Parodie de la dernière scène de Mithridate
Parodie de la dernière scène de Mithridate
Le roi, le cardinal de Fleury, le cardinal Tencin
Le Roi
Ah, que vois-je, Monsieur, quel état est le vôtre !
Le cardinal de Fleury
Cessez et retenez vos larmes l’un et l’autre ;
Mon sort de sa tendresse et de son amitié
Veut d’autres sentiments que ceux de la pitié ;
Et ma gloire d’ailleurs digne d’être admirée
Par les pleurs de mon roi n’est que trop honorée.
J’ai régi vos Etats autant que je l’ai pu,
La mort dans mon projet m’a seule interrompu.
Ennemi des seigneurs et de leur tyrannie,
Je n’ai point de leur joug subi l’ignominie ;
Et j’ose me flatter qu’un ministre fameux,
Qu’une pareille haine a signalé contr’eux,
N’a pas plus abaissé leur orgueil et leur gloire,
Et de jours malheureux plus marqué leur histoire.
Le ciel n’a pas voulu qu’achevant mon dessein,
Je visse avant ma mort en ma place Tencin ;
Mais du moins en mourant quelque joie me console,
Je meurs environné d’ennemis que j’immole ;
De Fouquet j’ai signé l’exil de cette main,
Et mes derniers regards ont proscrit Chauvelin ;
A ce cher cardinal je dois cette fortune,
Il épargne à mes yeux leur présence importune :
Que ne puis-je payer ce service important,
De tout ce que ma place a de plus éclatant.
Sire, il soutiendra bien l’Etat et la couronne,
A votre majesté souffrez que je le donne ;
Et tous les vœux enfin que j’exigeais de vous,
Pour mon ami Tencin je les demande tous.
Le cardinal Tencin
Vivez, Monsieur, vivez pour nous voir l’un et l’autre
Sacrifier toujours mes sentiments aux vôtres ;
Vivez pour triompher de Belle-Isle vaincu,
Pour venger…
Le cardinal Fleury
C’en est fait, je n’ai que trop vécu ;
Sire, songez à vous, et gardez de prétendre
Que de tant d’ennemis vous puissiez vous défendre ;
Bientôt vous les verrez de fureur irrités,
Fougueux dans vos Etats fondre de tous côtés ;
Ne perdez point le temps que vous laisse leur fuite,
A rendre à mon tombeau des soins dont je vous quitte ;
Tant de Français sans vie en cent lieux dispersés,
Suffisent à ma cendre et l’honorent assez ;
Faire une prompte paix est l’unique remède.

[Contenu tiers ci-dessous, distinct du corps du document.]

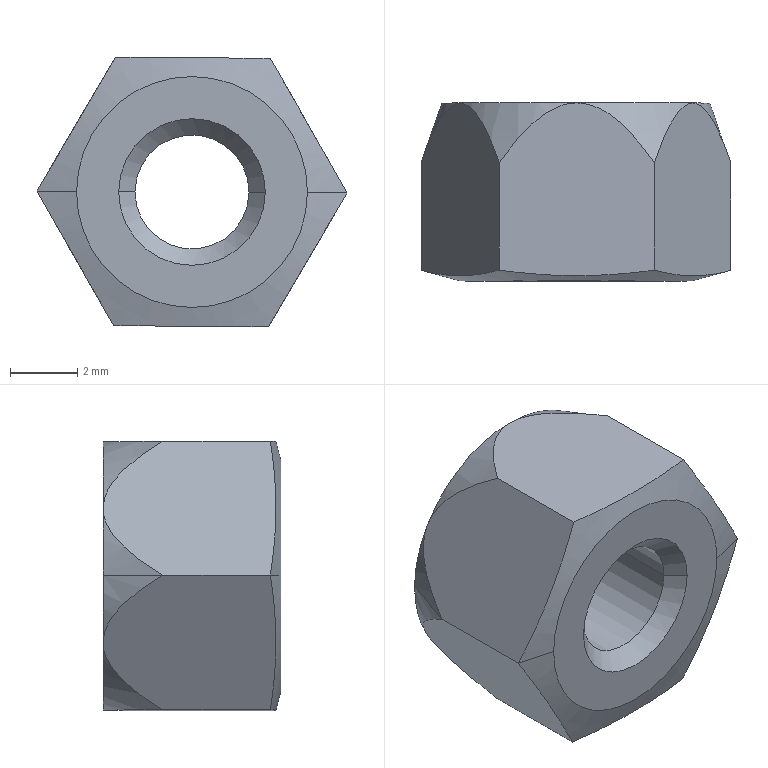Component | SolidWorks | prevailing torque all-metal 1 gb-4 | 1 solid | 21 faces | box 9.24 x 5.3 x 8.03 mm | volume 239 mm3 | cone 11 | plane 8 | cylinder 2 | commonest cylinder face diameters 3.4 x2
STEP:
#1=COLOUR_RGB('',0.7922,0.8196,0.9333);
#2=FILL_AREA_STYLE_COLOUR('',#1);
#3=FILL_AREA_STYLE('',(#2));
#4=SURFACE_STYLE_FILL_AREA(#3);
#5=SURFACE_SIDE_STYLE('',(#4));
#6=SURFACE_STYLE_USAGE(.BOTH.,#5);
#7=PRESENTATION_STYLE_ASSIGNMENT((#6));
#8=CARTESIAN_POINT('',(0.2638,-0.3076,1.348));
#9=VERTEX_POINT('',#8);
#10=CARTESIAN_POINT('',(0.1299,-0.3076,1.349));
#11=VERTEX_POINT('',#10);
#12=CARTESIAN_POINT('',(0.1969,-0.3076,1.348));
#13=DIRECTION('',(0.,-1.,0.));
#14=DIRECTION('',(-1.,0.,0.006451));
#15=AXIS2_PLACEMENT_3D('',#12,#13,#14);
#16=CIRCLE('',#15,0.06693);
#17=EDGE_CURVE('',#9,#11,#16,.T.);
#18=ORIENTED_EDGE('',*,*,#17,.F.);
#19=CARTESIAN_POINT('',(0.2829,-0.3268,1.348));
#20=VERTEX_POINT('',#19);
#21=CARTESIAN_POINT('',(0.2829,-0.3268,1.348));
#22=DIRECTION('',(0.7071,-0.7071,-0.004562));
#23=VECTOR('',#22,39.37);
#24=LINE('',#21,#23);
#25=EDGE_CURVE('',#9,#20,#24,.T.);
#26=ORIENTED_EDGE('',*,*,#25,.T.);
#27=CARTESIAN_POINT('',(0.1108,-0.3268,1.349));
#28=VERTEX_POINT('',#27);
#29=CARTESIAN_POINT('',(0.1969,-0.3268,1.348));
#30=DIRECTION('',(0.,1.,0.));
#31=DIRECTION('',(-1.,0.,0.006451));
#32=AXIS2_PLACEMENT_3D('',#29,#30,#31);
#33=CIRCLE('',#32,0.08605);
#34=EDGE_CURVE('',#28,#20,#33,.T.);
#35=ORIENTED_EDGE('',*,*,#34,.F.);
#36=CARTESIAN_POINT('',(0.1108,-0.3268,1.349));
#37=DIRECTION('',(-0.7071,-0.7071,0.004562));
#38=VECTOR('',#37,39.37);
#39=LINE('',#36,#38);
#40=EDGE_CURVE('',#11,#28,#39,.T.);
#41=ORIENTED_EDGE('',*,*,#40,.F.);
#42=EDGE_LOOP('',(#18,#26,#35,#41));
#43=FACE_OUTER_BOUND('',#42,.T.);
#44=CARTESIAN_POINT('',(0.1969,-0.3268,1.348));
#45=DIRECTION('',(0.,-1.,0.));
#46=DIRECTION('',(-1.,0.,0.006451));
#47=AXIS2_PLACEMENT_3D('',#44,#45,#46);
#48=CONICAL_SURFACE('',#47,0.08605,0.7854);
#49=ADVANCED_FACE('',(#43),#48,.F.);
#50=ORIENTED_EDGE('',*,*,#17,.T.);
#51=CARTESIAN_POINT('',(0.1299,-0.1181,1.349));
#52=VERTEX_POINT('',#51);
#53=CARTESIAN_POINT('',(0.1299,-0.3268,1.349));
#54=DIRECTION('',(0.,1.,0.));
#55=VECTOR('',#54,39.37);
#56=LINE('',#53,#55);
#57=EDGE_CURVE('',#11,#52,#56,.T.);
#58=ORIENTED_EDGE('',*,*,#57,.T.);
#59=CARTESIAN_POINT('',(0.2638,-0.1181,1.348));
#60=VERTEX_POINT('',#59);
#61=CARTESIAN_POINT('',(0.1969,-0.1181,1.348));
#62=DIRECTION('',(0.,1.,0.));
#63=DIRECTION('',(1.,0.,-0.006451));
#64=AXIS2_PLACEMENT_3D('',#61,#62,#63);
#65=CIRCLE('',#64,0.06693);
#66=EDGE_CURVE('',#52,#60,#65,.T.);
#67=ORIENTED_EDGE('',*,*,#66,.T.);
#68=CARTESIAN_POINT('',(0.2638,-0.3268,1.348));
#69=DIRECTION('',(0.,1.,0.));
#70=VECTOR('',#69,39.37);
#71=LINE('',#68,#70);
#72=EDGE_CURVE('',#9,#60,#71,.T.);
#73=ORIENTED_EDGE('',*,*,#72,.F.);
#74=EDGE_LOOP('',(#50,#58,#67,#73));
#75=FACE_OUTER_BOUND('',#74,.T.);
#76=CARTESIAN_POINT('',(0.1969,-0.3268,1.348));
#77=DIRECTION('',(0.,1.,0.));
#78=DIRECTION('',(1.,0.,-0.006451));
#79=AXIS2_PLACEMENT_3D('',#76,#77,#78);
#80=CYLINDRICAL_SURFACE('',#79,0.06693);
#81=ADVANCED_FACE('',(#75),#80,.F.);
#82=CARTESIAN_POINT('',(0.03937,-0.1181,1.349));
#83=VERTEX_POINT('',#82);
#84=CARTESIAN_POINT('',(0.06098,-0.1181,1.428));
#85=VERTEX_POINT('',#84);
#86=CARTESIAN_POINT('',(0.1969,-0.1181,1.348));
#87=DIRECTION('',(0.,1.,0.));
#88=DIRECTION('',(-1.,0.,0.006451));
#89=AXIS2_PLACEMENT_3D('',#86,#87,#88);
#90=CIRCLE('',#89,0.1575);
#91=EDGE_CURVE('',#83,#85,#90,.T.);
#92=ORIENTED_EDGE('',*,*,#91,.F.);
#93=CARTESIAN_POINT('',(0.01501,-0.1882,1.35));
#94=VERTEX_POINT('',#93);
#95=CARTESIAN_POINT('',(0.03937,-0.1181,1.349));
#96=DIRECTION('',(-0.3284,-0.9446,0.002118));
#97=VECTOR('',#96,39.37);
#98=LINE('',#95,#97);
#99=EDGE_CURVE('',#83,#94,#98,.T.);
#100=ORIENTED_EDGE('',*,*,#99,.T.);
#101=CARTESIAN_POINT('',(0.01501,-0.1882,1.35));
#102=CARTESIAN_POINT('',(0.01787,-0.18,1.354));
#103=CARTESIAN_POINT('',(0.02086,-0.1721,1.36));
#104=CARTESIAN_POINT('',(0.0272,-0.1569,1.37));
#105=CARTESIAN_POINT('',(0.03056,-0.1496,1.376));
#106=CARTESIAN_POINT('',(0.03795,-0.1363,1.389));
#107=CARTESIAN_POINT('',(0.042,-0.1301,1.396));
#108=CARTESIAN_POINT('',(0.05094,-0.121,1.411));
#109=CARTESIAN_POINT('',(0.05593,-0.1181,1.419));
#110=CARTESIAN_POINT('',(0.06098,-0.1181,1.428));
#111=B_SPLINE_CURVE_WITH_KNOTS('',3,(#101,#102,#103,#104,#105,#106,#107,#108,#109,#110),.UNSPECIFIED.,.F.,.F.,(4,2,2,2,4),(0.00000024,0.000751,0.001502,0.002252,0.003003),.UNSPECIFIED.);
#112=EDGE_CURVE('',#94,#85,#111,.T.);
#113=ORIENTED_EDGE('',*,*,#112,.T.);
#114=EDGE_LOOP('',(#92,#100,#113));
#115=FACE_OUTER_BOUND('',#114,.T.);
#116=CARTESIAN_POINT('',(0.1969,-0.1181,1.348));
#117=DIRECTION('',(0.,-1.,-0.));
#118=DIRECTION('',(-1.,-0.,0.006451));
#119=AXIS2_PLACEMENT_3D('',#116,#117,#118);
#120=CONICAL_SURFACE('',#119,0.1575,0.3346);
#121=ADVANCED_FACE('',(#115),#120,.T.);
#122=CARTESIAN_POINT('',(0.06142,-0.3268,1.349));
#123=VERTEX_POINT('',#122);
#124=CARTESIAN_POINT('',(0.3323,-0.3268,1.348));
#125=VERTEX_POINT('',#124);
#126=CARTESIAN_POINT('',(0.1969,-0.3268,1.348));
#127=DIRECTION('',(0.,-1.,-0.));
#128=DIRECTION('',(-1.,0.,0.006451));
#129=AXIS2_PLACEMENT_3D('',#126,#127,#128);
#130=CIRCLE('',#129,0.1354);
#131=EDGE_CURVE('',#123,#125,#130,.T.);
#132=ORIENTED_EDGE('',*,*,#131,.F.);
#133=CARTESIAN_POINT('',(0.01501,-0.3143,1.35));
#134=VERTEX_POINT('',#133);
#135=CARTESIAN_POINT('',(0.01501,-0.3143,1.35));
#136=DIRECTION('',(-0.9659,0.2588,0.006231));
#137=VECTOR('',#136,39.37);
#138=LINE('',#135,#137);
#139=EDGE_CURVE('',#123,#134,#138,.T.);
#140=ORIENTED_EDGE('',*,*,#139,.T.);
#141=CARTESIAN_POINT('',(0.1049,-0.3143,1.192));
#142=VERTEX_POINT('',#141);
#143=CARTESIAN_POINT('',(0.01501,-0.3143,1.35));
#144=CARTESIAN_POINT('',(0.03,-0.3184,1.323));
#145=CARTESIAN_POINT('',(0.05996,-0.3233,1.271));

Pour un temps plus heureux…
Le roi
Moi, Monsieur, que je cède !
Que le Prusse impuni, les Anglais triomphants,
N’éprouvent pas bientôt…
Le cardinal Fleury
Non, je vous le défends ;
Tôt ou tard Frédéric rendra la Silésie,
Fiez-vous-en aux soins de la reine d’Hongrie ;
Mais je sens affaiblir ma force et mon esprit,
Je sens que je me meurs ; approchez-vous, mon fils,
Dans cet embrassement plus consolant que triste,
Cassegrin vous dira si je meurs Fouquetiste.
Le cardinal Tencin
Il expire, grand Dieu !
Le roi
Calmez votre douleur,
Et venez au public montrer son successeur.